Designing, Modeling, and Optimizing Transactional Data Structures
Transactional memory (TM) has emerged as a promising synchronization abstraction for multi-core architectures. Unlike traditional lock-based approaches, TM shifts the burden of implementing threads synchronization from the programmer to an underlying framework using hardware (HTM) and/or software (STM) components.
Although TM can be leveraged to implement transactional data structures (i.e., those where multiple operations are allowed to execute atomically, all-or-nothing, according to the transaction paradigm), its intensive speculation may result in significantly lower performance than the optimized concurrent data structures. This poor performance motivates the need to find other, more effective, alternatives for designing transactional data structures without losing the simple programming abstraction proposed by TM.
To do so, we identified three major challenges that need to be addressed to design efficient transactional data structures. The first challenge is composability, namely allowing an atomic execution of two or more data structure operations in the same way as TM provides, but without its high overheads. The second challenge is integration, which enables the execution of data structure operations within generic transactions that may contain other memory- based operations. The last challenge is modeling, which encompasses the necessity of defining a unified formal methodology to reason about the correctness of transactional data structures.
In this dissertation, we propose different approaches to address the above challenges. First, we address the composability challenge by introducing an optimistic methodology to effi- ciently convert concurrent data structures into transactional ones. Second, we address the integration challenge by injecting the semantic operations of those transactional data struc- ture into TM frameworks, and by presenting two novel STM algorithms in order to enhance the overall performance of those frameworks. Finally, we address the modeling challenge by presenting two models for concurrent and transactional data structures designs.
• Our first main contribution in this dissertation is Optimistic transactional boosting (OTB), a methodology to design transactional versions of the highly concurrent optimistic (i.e., lazy) data structures. An earlier (pessimistic) boosting proposal added a layer of abstract locks on top of existing concurrent data structures. Instead, we propose an optimistic boosting methodology, which allows greater data structure-specific optimizations, easier integration with TM frameworks, and lower restrictions on the operations than the original (more pessimistic) boosting methodology.
Based on the proposed OTB methodology, we implement the transactional version of two list-based data structures (i.e., set and priority queue). Then, we present TxCF-Tree, a balanced tree whose design is optimized to support transactional accesses. The core optimizations of TxCF-Tree's operations are: providing a traversal phase that does not use any lock and/or speculation and deferring the lock acquisition or physical modification to the transaction's commit phase; isolating the structural operations (such as re-balancing) in an interference-less housekeeping thread; and minimizing the interference between structural operations and the critical path of semantic operations (i.e., additions and removals on the tree).
• Our second main contribution is to integrate OTB with both STM and HTM algorithms.
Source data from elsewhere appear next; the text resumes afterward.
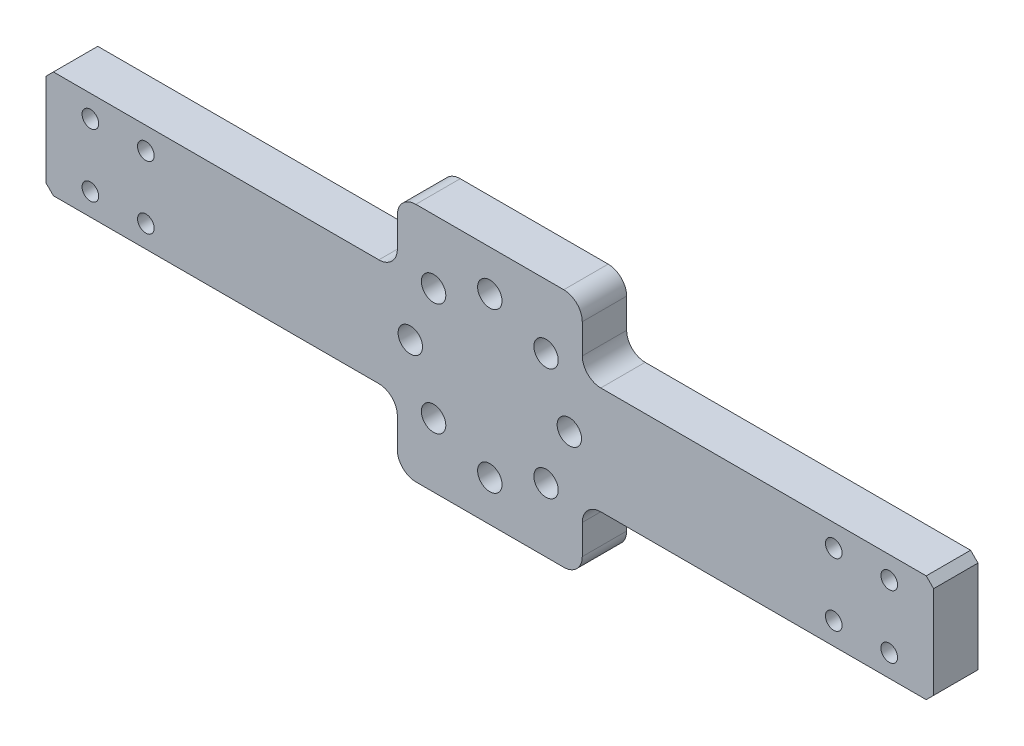
from build123d import *

# Parameters (mm, degrees)
SKETCH1_W                                        = 240
SKETCH1_H                                        = 65
BOSS_EXTRUDE1_DEPTH                              = 12
CUT_EXTRUDE1_DEPTH                               = 125.900960765
CUT_EXTRUDE1_DEPTH_BACK                          = 125.900960765
SKETCH2_W                                        = 95
SKETCH2_H                                        = 18
FILLET1_R                                        = 5
HOLE_FOR_SOCKET_HEAD_CAP_SCREW_TYPE1_D           = 6.6
HOLE_FOR_SOCKET_HEAD_CAP_SCREW_TYPE1_CBORE_D     = 11
HOLE_FOR_SOCKET_HEAD_CAP_SCREW_TYPE1_CBORE_DEPTH = 6.8
F_4_5_4_5_DIAMETER_HOLE1_D                       = 4.5
CHAMFER1_SIZE                                    = 2


with BuildPart() as part:
    # Sketch1 → Boss-Extrude1 (new body)
    with BuildSketch(Plane.XY):
        Rectangle(SKETCH1_W, SKETCH1_H)
    extrude(amount=BOSS_EXTRUDE1_DEPTH)

    # Sketch2 → Cut-Extrude1 (cut, two sides: drawn at the far end of the back side and taken through both)
    with BuildSketch(Plane.XY.offset(12).offset(-CUT_EXTRUDE1_DEPTH_BACK)):
        with Locations((-72.5, 23.5)):
            Rectangle(SKETCH2_W, SKETCH2_H)
        with Locations((72.5, 23.5)):
            Rectangle(SKETCH2_W, SKETCH2_H)
        with Locations((72.5, -23.5)):
            Rectangle(SKETCH2_W, SKETCH2_H)
        with Locations((-72.5, -23.5)):
            Rectangle(SKETCH2_W, SKETCH2_H)
    extrude(amount=CUT_EXTRUDE1_DEPTH + CUT_EXTRUDE1_DEPTH_BACK, mode=Mode.SUBTRACT)

    # Fillet1
    fillet1_edges = [part.edges().sort_by_distance(p)[0] for p in [
        (-25, -32.5, 6),
        (-25, -14.5, 6),
        (25, -32.5, 6),
        (25, -14.5, 6),
        (25, 32.5, 6),
        (25, 14.5, 6),
        (-25, 32.5, 6),
        (-25, 14.5, 6),
    ]]
    fillet(fillet1_edges, radius=FILLET1_R)

    # Hole for socket head cap screw, type1 (through all)
    with Locations(Plane(origin=(0, 0, 0), x_dir=(-1, 0, 0), z_dir=(0, 0, -1))):
        with Locations((15.202795796, -15.202795796), (0, -21.5), (-15.202795796, -15.202795796), (-21.5, 0), (-15.202795796, 15.202795796), (0, 21.5), (15.202795796, 15.202795796), (21.5, 0)):
            CounterBoreHole(HOLE_FOR_SOCKET_HEAD_CAP_SCREW_TYPE1_D / 2, HOLE_FOR_SOCKET_HEAD_CAP_SCREW_TYPE1_CBORE_D / 2, HOLE_FOR_SOCKET_HEAD_CAP_SCREW_TYPE1_CBORE_DEPTH)

    # Ø4.5 (4.5) Diameter Hole1 (through all)
    with Locations(Plane.XY.offset(12)):
        with Locations((-93, -8.5), (-108, -8.5), (-93, 8.5), (-108, 8.5)):
            f_4_5_4_5_diameter_hole1 = Hole(F_4_5_4_5_DIAMETER_HOLE1_D / 2)

    # Mirror1: Ø4.5 (4.5) Diameter Hole1 across plane
    add(f_4_5_4_5_diameter_hole1.mirror(Plane(origin=(0, 0, 0), x_dir=(0, 0, 1), z_dir=(1, 0, 0))), mode=Mode.SUBTRACT)

    # Chamfer1
    chamfer1_edges = [part.edges().sort_by_distance(p)[0] for p in [
        (-120, -14.5, 6),
        (120, -14.5, 6),
        (120, 14.5, 6),
        (-120, 14.5, 6),
    ]]
    chamfer(chamfer1_edges, length=CHAMFER1_SIZE)


solid = part.part
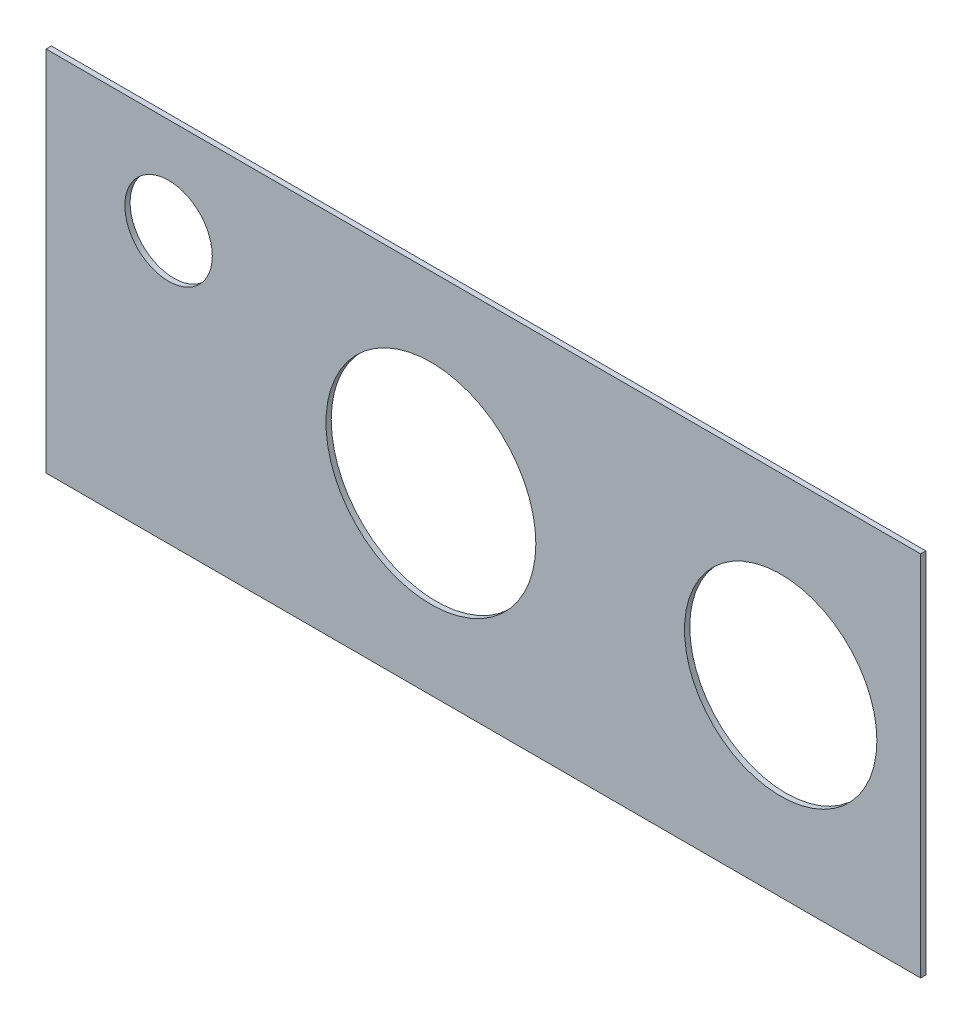
SolidWorks part; units mm, degrees
ref_plane "Front Plane" through (0, 0, 0) normal (0, 0, 1) x (1, 0, 0)
ref_plane "Top Plane" through (0, 0, 0) normal (0, 1, 0) x (1, 0, 0)
ref_plane "Right Plane" through (0, 0, 0) normal (1, 0, 0) x (0, 0, -1)
sketch "Sketch1" plane through (0, 0, 0) normal (0, 0, 1) x (1, 0, 0)
  line L1 (0, 0) -> (500, 0)
  line L2 (0, 0) -> (0, 210)
  line L3 (0, 210) -> (500, 210)
  line L4 (500, 0) -> (500, 210)
  dimension "D1" = 500
  dimension "D2" = 210
extrude "Boss-Extrude1" add sketch "Sketch1" along normal blind 3
extrude "Cut-Extrude1" cut sketch "Sketch2" against normal blind 10
sketch "Sketch2" plane through (492, 10, 3) normal (0, 0, 1) x (1, 0, 0)
  circle A0 centre (-72, 95) radius 55
  circle A1 centre (-272, 95) radius 60
  circle A2 centre (-422, 145) radius 25
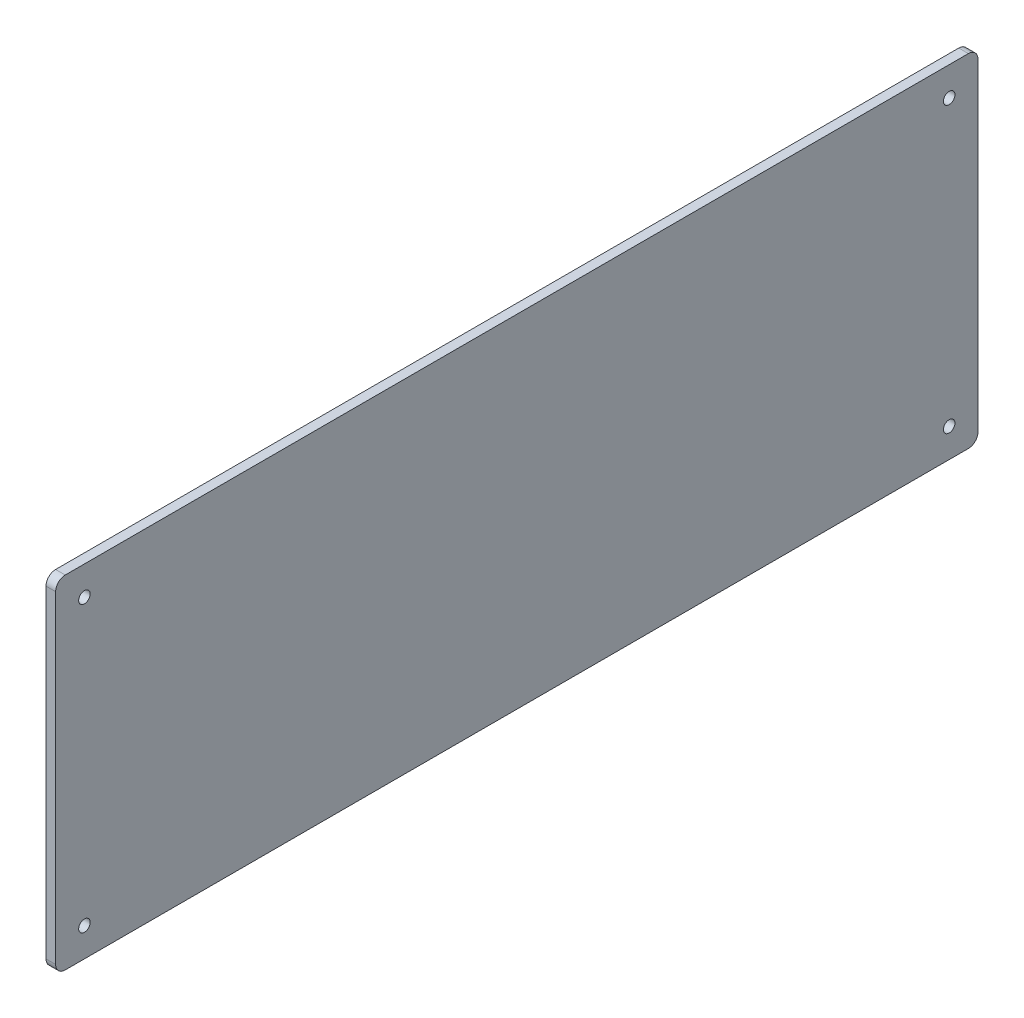
SolidWorks part; units mm, degrees
ref_plane "前视基准面" through (0, 0, 0) normal (0, 0, 1) x (1, 0, 0)
ref_plane "上视基准面" through (0, 0, 0) normal (0, 1, 0) x (1, 0, 0)
ref_plane "右视基准面" through (0, 0, 0) normal (1, 0, 0) x (0, 0, -1)
sketch "草图1" plane through (0, 0, 0) normal (1, 0, 0) x (0, 0, -1)
  line L0 (0, 89) -> (0, 0) construction
  line L1 (-240, 89) -> (240, 89)
  line L2 (-240, 89) -> (-240, -89)
  line L3 (-240, -89) -> (240, -89)
  line L4 (240, 89) -> (240, -89)
  line L5 (0, 0) -> (240, 0) construction
  dimension "D1" = 480
  dimension "D2" = 178
extrude "凸台-拉伸1" add sketch "草图1" along normal blind 5
sketch "草图2" plane through (5, 0, 0) normal (1, 0, 0) x (0, 0, -1)
  line L0 (0, 131.9543) -> (0, 0) construction
  line L1 (0, 0) -> (347.0268, 0) construction
  circle A0 centre (-225, 74) radius 3
  circle A1 centre (225, 74) radius 3
  circle A2 centre (-225, -74) radius 3
  circle A3 centre (225, -74) radius 3
  dimension "D1" = 6
  dimension "D2" = 450
  dimension "D3" = 148
extrude "切除-拉伸1" cut sketch "草图2" against normal through all
fillet "圆角1" radius 5 4 edges at (2.5, -89, 240) (2.5, -89, -240) (2.5, 89, -240) (2.5, 89, 240)
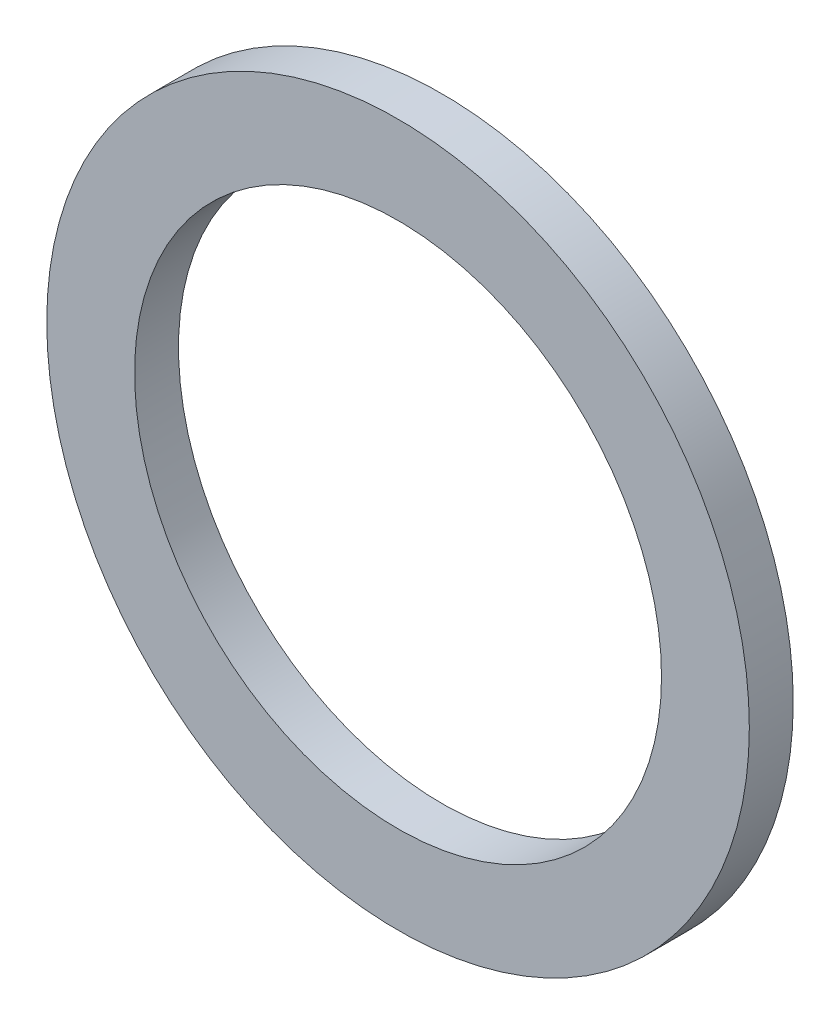
SolidWorks part; units mm, degrees
ref_plane "Front Plane" through (0, 0, 0) normal (0, 0, 1) x (1, 0, 0)
ref_plane "Top Plane" through (0, 0, 0) normal (0, 1, 0) x (1, 0, 0)
ref_plane "Right Plane" through (0, 0, 0) normal (1, 0, 0) x (0, 0, -1)
sketch "Sketch1" plane through (0, 0, 0) normal (0, 0, 1) x (1, 0, 0)
  circle A0 centre (0, 0) radius 8
  circle A1 centre (0, 0) radius 6
  dimension "D1" = 12
  dimension "D2" = 16
extrude "Boss-Extrude1" add sketch "Sketch1" along normal blind 1
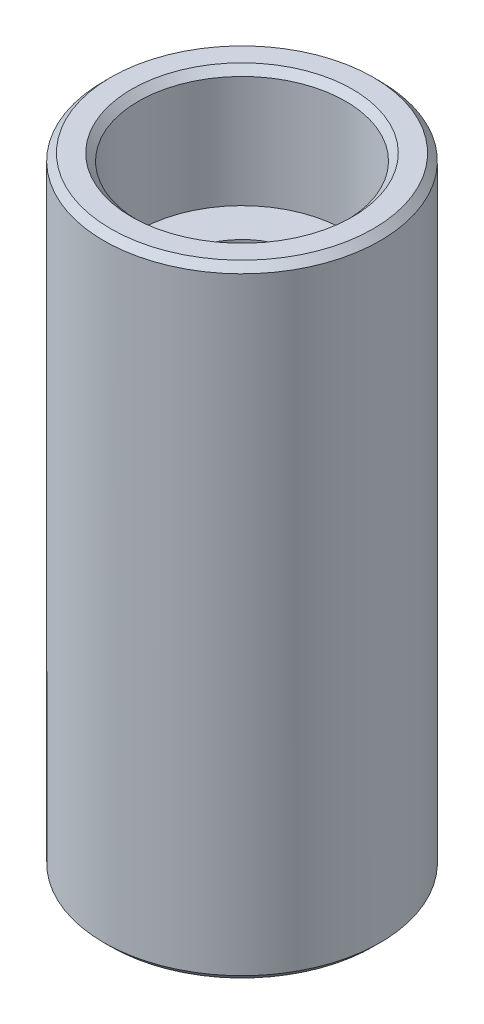
SolidWorks part; units mm, degrees
material "45"
ref_plane "Front Plane" through (0, 0, 0) normal (0, 0, 1) x (1, 0, 0)
ref_plane "Top Plane" through (0, 0, 0) normal (0, 1, 0) x (1, 0, 0)
ref_plane "Right Plane" through (0, 0, 0) normal (1, 0, 0) x (0, 0, -1)
sketch "Sketch1" plane through (0, 0, 0) normal (0, 1, 0) x (1, 0, 0)
  circle A0 centre (0, 0) radius 10
  dimension "D1" = 20
extrude "Boss-Extrude1" add sketch "Sketch1" along normal blind 45
hole_wizard "CBORE for M8 Hex Socket Head Cap Screw1" positions "Sketch5" profile "Sketch4" counterbore size "M8" standard "Iso" end condition through all
sketch "Sketch5" plane through (0, 45, 0) normal (0, 1, 0) x (1, 0, 0)
  point P0 (0, 0)
sketch "Sketch4" plane through (0, 45, 0) normal (1, 0, 0) x (0, 0, 1)
  line L0 (0, 0) -> (0, 45)
  line L1 (0, 45) -> (4.5, 45)
  line L3 (4.5, 45) -> (4.5, 8.6)
  line L4 (4.5, 8.6) -> (7.5, 8.6)
  line L5 (7.5, 8.6) -> (7.5, 0)
  line L7 (7.5, 0) -> (0, 0)
  line L11 (0, -6.35) -> (0, 107.95) construction
  dimension "通孔孔直径" = 9
  dimension "通孔孔深度" = 45
  dimension "柱形沉头孔直径" = 15
  dimension "柱形沉头孔深度" = 8.6
chamfer "Chamfer1" distance 0.5 angle 45 4 edges at (0, 45, 10) (0, 45, 7.5) (0, 0, 10) (0, 0, 4.5)

For STM, we extend the design of both DEUCE, a Java STM framework, and RSTM, a C++ STM framework, to support the integration with OTB. Using our extension, programmers can include both OTB data structure operations and traditional memory reads/writes in the same transaction. Results show that OTB performance is closer to the optimal lazy (non-transactional) data structures than the original boosting algorithm.
On the HTM side, we introduce a methodology to inject semantic operations into the well-known hybrid transactional memory algorithms (e.g., HTM-GL, HyNOrec, and NOre- cRH). In addition, we enhance the proposed semantically-enabled HTM algorithms with a lightweight adaptation mechanism that allows bypassing the HTM paths if the overhead of the semantic operations causes repeated HTM aborts. Experiments on micro- and macro- benchmarks confirm that our proposals outperform the other TM solutions in almost all the tested workloads.
• Our third main contribution is to enhance the performance of TM frameworks in gen- eral by introducing two novel STM algorithms. Remote Transaction Commit (RTC) is a mechanism for executing commit phases of STM transactions in dedicated server cores. RTC shows significant improvements compared to its corresponding validation based STM algorithm (up to 4x better) as it decreases the overhead of spin locking during commit, in terms of cache misses, blocking of lock holders, and CAS operations. Remote Inval- idation (RInval) applies the same idea of RTC on invalidation based STM algorithms. Furthermore, it allows more concurrency by executing commit and invalidation routines concurrently in different servers. RInval performs up to 10x better than its corresponding invalidation based STM algorithm (InvalSTM), and up to 2x better than its corresponding validation-based algorithm (NOrec).
• Our fourth and final main contribution is to provide a theoretical model for concurrent and transactional data structures. We exploit the similarities of the OTB-based data structures and provide a unified model to reason about the correctness of those designs. Specifically, we extend a recent approach that models data structures with concurrent readers and a single writer (called SWMR), and we propose two novel models that additionally allow multiple writers and transactional execution. Those models are more practical because they cover a wider set of data structures than the original SWMR model.